I decided long ago that I don’t want to hire anyone who has never written a monitoring test. I don’t care how simple or complicated the test was, but I want to make sure they’ve done it. Throughout my career, I’ve come across so many specialized pieces of code or infrastructure, that I take it for granted sooner or later your going to need to do this. I find that the people who care about uptime do it earlier in their career. Its good to follow up with several more questions about their specific implementation, and then ask if they had any unexpected issues with the test.
2. How would you remove files from a directory when ‘rm *’ tells you there are too many files?
Back in the 1990’s when Solaris shipped with a version of Sendmail that was an open-relay, it wasn’t unusual for me to have to wipe a mail queue directory for a customer. If someone had been really aggressive sending mail to it, it wasn’t too unusual to be confronted with the message that the * expansion was too long to pass to rm. I can think of a few ways to do this:
- for i in `ls /dir/`; do rm $i ; done
- find /dir/ -exec rm {} \;
- rm -rf /dir; mkdir /dir
And I’m sure there are plenty more. After I get the answer I like to cover if they think there is any issue with the method they’ve chosen.
I like this question since it show a candidates understanding of how the command-line works, and if they can think around some of its limitations.
3. How would you setup and automated installation of linux?
A good candidate should have done this, and they should imediately be talking about setting up FAI or Kickstart. I like to make sure they cover the base pieces of infrastructure, like DHCP, tftp, and PXE. Generally I will follow up, and ask when they think it makes sense to setup this type of automation, since it does require quite a bit of initial infrastructure.
4. How would you go about finding files on an installed system to add to configuration management?

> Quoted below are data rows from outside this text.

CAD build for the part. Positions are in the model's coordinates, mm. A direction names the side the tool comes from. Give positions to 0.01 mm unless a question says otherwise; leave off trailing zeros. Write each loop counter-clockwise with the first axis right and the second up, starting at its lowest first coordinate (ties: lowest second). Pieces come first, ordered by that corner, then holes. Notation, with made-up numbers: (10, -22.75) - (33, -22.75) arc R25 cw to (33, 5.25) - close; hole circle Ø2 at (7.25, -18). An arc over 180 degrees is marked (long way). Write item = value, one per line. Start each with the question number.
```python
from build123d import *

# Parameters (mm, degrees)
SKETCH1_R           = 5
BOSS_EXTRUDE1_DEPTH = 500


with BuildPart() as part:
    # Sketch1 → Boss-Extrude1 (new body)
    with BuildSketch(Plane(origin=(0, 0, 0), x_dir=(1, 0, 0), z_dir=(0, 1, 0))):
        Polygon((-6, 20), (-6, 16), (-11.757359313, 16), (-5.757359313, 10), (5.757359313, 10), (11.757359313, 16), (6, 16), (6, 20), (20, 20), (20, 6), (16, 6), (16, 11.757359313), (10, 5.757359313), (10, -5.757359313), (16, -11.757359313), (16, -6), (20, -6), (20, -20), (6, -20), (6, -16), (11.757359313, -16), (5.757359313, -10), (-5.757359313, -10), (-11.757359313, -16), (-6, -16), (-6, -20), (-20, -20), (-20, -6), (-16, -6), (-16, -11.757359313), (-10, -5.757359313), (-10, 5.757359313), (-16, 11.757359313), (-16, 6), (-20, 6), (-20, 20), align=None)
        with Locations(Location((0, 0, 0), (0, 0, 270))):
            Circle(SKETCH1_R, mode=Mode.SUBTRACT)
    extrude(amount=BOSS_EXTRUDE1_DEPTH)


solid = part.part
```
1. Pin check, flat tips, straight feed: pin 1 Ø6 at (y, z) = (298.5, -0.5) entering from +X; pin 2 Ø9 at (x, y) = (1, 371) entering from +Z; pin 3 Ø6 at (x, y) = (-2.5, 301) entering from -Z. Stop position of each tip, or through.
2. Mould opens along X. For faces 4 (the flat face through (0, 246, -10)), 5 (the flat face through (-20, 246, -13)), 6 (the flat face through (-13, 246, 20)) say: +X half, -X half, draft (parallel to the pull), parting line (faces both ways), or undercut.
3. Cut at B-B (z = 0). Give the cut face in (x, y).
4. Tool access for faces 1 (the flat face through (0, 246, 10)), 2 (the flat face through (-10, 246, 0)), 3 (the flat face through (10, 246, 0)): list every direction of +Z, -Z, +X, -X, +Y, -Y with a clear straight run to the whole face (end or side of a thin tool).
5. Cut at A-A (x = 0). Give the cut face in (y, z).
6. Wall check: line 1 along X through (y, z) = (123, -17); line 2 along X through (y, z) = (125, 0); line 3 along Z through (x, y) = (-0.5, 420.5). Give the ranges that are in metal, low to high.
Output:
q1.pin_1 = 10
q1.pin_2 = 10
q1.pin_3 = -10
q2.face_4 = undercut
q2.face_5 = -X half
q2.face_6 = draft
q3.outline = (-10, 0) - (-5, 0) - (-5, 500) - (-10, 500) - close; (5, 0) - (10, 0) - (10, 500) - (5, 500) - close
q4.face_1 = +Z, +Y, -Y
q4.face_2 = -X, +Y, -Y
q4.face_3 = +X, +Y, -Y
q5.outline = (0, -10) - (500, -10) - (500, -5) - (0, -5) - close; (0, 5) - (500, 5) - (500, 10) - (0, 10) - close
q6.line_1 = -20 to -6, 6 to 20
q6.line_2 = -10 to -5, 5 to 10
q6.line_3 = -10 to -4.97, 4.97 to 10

This question is straight forward and quick, and I’m looking for two things from the candidate. First, I want them to tell me about using the package management system to locate modified config files, and second I want to hear them tell me about talking to the development team as to what was copied on the system.
This question tells me they’ve looked for changes on systems, and have a basic understanding of what the package management tools provide. But, that they know there is a human component, and it might be quicker to ask the dev team what they installed then building a tool to find it.

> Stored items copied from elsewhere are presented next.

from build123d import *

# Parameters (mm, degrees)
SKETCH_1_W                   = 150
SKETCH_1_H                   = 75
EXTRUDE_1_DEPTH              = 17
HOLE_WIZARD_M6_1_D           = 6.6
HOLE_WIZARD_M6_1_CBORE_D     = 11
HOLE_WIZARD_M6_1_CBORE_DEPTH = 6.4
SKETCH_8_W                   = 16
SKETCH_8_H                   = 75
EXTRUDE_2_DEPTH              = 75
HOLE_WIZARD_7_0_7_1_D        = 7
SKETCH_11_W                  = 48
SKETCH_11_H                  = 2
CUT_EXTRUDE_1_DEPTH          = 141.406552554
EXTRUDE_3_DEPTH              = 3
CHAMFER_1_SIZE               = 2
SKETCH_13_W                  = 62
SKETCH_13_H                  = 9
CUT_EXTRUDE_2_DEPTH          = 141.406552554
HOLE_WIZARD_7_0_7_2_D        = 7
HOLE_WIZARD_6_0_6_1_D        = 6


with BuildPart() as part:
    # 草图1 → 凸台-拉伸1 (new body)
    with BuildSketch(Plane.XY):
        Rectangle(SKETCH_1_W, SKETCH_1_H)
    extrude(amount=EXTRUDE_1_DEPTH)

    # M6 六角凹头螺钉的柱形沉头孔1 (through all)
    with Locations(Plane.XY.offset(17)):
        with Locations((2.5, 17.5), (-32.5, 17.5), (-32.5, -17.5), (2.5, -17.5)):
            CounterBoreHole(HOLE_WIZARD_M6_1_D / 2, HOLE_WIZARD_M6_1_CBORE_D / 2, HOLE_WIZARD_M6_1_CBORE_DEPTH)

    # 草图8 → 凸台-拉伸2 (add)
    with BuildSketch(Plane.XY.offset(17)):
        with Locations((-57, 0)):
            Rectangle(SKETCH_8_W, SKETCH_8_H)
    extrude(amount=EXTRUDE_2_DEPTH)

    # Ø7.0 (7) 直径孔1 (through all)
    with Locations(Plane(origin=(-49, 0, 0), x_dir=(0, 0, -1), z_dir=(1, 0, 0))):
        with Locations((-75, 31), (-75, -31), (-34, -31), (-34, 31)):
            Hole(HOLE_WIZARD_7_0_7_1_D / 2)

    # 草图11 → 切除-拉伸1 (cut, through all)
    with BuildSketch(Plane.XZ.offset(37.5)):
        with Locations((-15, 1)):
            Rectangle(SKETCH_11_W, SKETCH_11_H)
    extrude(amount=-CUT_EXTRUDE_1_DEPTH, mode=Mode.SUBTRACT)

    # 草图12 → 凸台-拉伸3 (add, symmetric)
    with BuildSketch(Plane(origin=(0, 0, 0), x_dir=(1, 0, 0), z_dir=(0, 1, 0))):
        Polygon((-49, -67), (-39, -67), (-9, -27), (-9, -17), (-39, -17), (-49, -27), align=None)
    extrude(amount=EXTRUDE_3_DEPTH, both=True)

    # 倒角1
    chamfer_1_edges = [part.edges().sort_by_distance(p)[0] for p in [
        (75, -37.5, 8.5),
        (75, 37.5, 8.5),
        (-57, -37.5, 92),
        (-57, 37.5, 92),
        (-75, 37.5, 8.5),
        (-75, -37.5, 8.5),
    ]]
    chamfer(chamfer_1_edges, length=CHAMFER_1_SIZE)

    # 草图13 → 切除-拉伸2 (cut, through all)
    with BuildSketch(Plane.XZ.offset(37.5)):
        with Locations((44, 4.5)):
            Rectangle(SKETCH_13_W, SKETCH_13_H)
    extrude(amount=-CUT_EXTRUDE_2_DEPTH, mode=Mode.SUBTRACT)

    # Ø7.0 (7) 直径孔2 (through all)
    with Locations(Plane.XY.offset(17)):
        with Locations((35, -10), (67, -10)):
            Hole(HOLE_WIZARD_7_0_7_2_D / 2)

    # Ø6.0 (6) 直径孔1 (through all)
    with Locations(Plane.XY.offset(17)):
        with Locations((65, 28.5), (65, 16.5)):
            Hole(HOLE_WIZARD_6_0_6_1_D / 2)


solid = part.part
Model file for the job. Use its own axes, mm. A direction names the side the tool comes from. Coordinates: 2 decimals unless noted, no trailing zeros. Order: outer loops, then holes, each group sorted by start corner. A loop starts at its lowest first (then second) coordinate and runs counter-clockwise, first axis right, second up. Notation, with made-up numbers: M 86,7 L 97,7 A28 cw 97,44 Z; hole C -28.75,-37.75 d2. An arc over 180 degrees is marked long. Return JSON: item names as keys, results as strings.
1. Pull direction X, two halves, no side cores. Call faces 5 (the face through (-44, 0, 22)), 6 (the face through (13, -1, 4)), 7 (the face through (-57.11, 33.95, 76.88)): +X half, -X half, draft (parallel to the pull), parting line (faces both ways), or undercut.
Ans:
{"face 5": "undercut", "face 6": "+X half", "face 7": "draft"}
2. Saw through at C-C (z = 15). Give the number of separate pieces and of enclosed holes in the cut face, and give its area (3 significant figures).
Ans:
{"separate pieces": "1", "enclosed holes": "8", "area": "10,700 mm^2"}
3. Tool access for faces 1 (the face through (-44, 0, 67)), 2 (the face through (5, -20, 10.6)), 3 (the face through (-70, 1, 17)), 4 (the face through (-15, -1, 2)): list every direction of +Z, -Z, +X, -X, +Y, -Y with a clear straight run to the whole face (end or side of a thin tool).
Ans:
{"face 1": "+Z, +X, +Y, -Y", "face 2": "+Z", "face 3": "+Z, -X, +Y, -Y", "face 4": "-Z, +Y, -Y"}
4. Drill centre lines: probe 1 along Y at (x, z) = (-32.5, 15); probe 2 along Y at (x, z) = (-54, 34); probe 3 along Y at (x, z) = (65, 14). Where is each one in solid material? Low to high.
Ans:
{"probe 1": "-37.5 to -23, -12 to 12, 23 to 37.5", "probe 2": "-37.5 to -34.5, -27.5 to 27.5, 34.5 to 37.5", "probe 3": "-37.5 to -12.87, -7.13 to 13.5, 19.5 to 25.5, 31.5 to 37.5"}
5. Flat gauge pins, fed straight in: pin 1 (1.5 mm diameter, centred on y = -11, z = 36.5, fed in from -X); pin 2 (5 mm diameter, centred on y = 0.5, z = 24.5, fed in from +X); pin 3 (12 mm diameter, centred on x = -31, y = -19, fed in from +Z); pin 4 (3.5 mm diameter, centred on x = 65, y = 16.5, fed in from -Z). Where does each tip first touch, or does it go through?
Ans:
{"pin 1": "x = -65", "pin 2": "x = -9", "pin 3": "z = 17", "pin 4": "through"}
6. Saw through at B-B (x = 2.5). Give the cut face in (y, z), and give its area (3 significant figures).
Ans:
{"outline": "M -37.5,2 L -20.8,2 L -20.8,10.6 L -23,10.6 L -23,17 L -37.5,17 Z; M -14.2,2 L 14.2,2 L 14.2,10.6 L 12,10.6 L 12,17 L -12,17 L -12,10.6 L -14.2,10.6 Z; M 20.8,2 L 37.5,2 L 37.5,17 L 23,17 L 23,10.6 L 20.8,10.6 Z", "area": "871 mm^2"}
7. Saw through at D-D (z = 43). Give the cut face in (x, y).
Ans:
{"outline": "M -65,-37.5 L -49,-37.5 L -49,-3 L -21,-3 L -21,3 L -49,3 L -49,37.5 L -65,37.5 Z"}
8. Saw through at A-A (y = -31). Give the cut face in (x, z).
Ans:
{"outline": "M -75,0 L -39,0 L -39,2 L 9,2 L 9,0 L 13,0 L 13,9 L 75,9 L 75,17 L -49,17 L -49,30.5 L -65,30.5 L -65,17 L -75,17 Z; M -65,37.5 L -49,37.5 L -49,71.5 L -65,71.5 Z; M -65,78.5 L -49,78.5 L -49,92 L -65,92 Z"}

5. If I gave you a production system with a PHP application running through Apache, what things would you monitor?
I like using this question because it give you an idea of the thoroughness of the candidates thought process. The easy answer is the URL the application is running on, but I like to push candidates for more. I generally looking for a list like:
- The URL of the application
- The Port Apache is running on
- The Apache Processes
- PING
- SSH
- NTP
- Load Average / CPU utilization
- Memory Utilization
- Percentage of Apache Connections used
- Etc..
I’m looking for both the application specific and the basic probes. I cannot tell you how many times in my career, I’ve started a job and found out SSH wasn’t monitored. Since it wasn’t part of the application, people didn’t think it was needed.
This question tests the candidates attention to detail. Monitoring is an important part of any production environment, and I want candidates who state the obvious.
6. If I asked you to backup a servers local filesystem, how would you do it?
Backups are, unfortunately, the bread and butter of operations work. A candidate should really have some experience running a backup, and so they should know the basics. Unfortunately, this is a really open ended question. There are endless ways it can be done, and that makes it a little tough on both the candidate and interviewer. One example a candidate could choose would be to use the tar command, but they could also choose to use tar with an LVM snapshot, or they could use rsync to a remote server. Its really the follow up question that makes this worthwhile; what are the disadvantages of your method, and can you think of another way you might do this to address those issues? Again, since its the bread and butter of operations work, they should know the strengths and weakness of the scheme they select, and they should know at least one alternative.
This question checks to see if a candidate has performed typical operations work, but also if they have thought through the problems with it.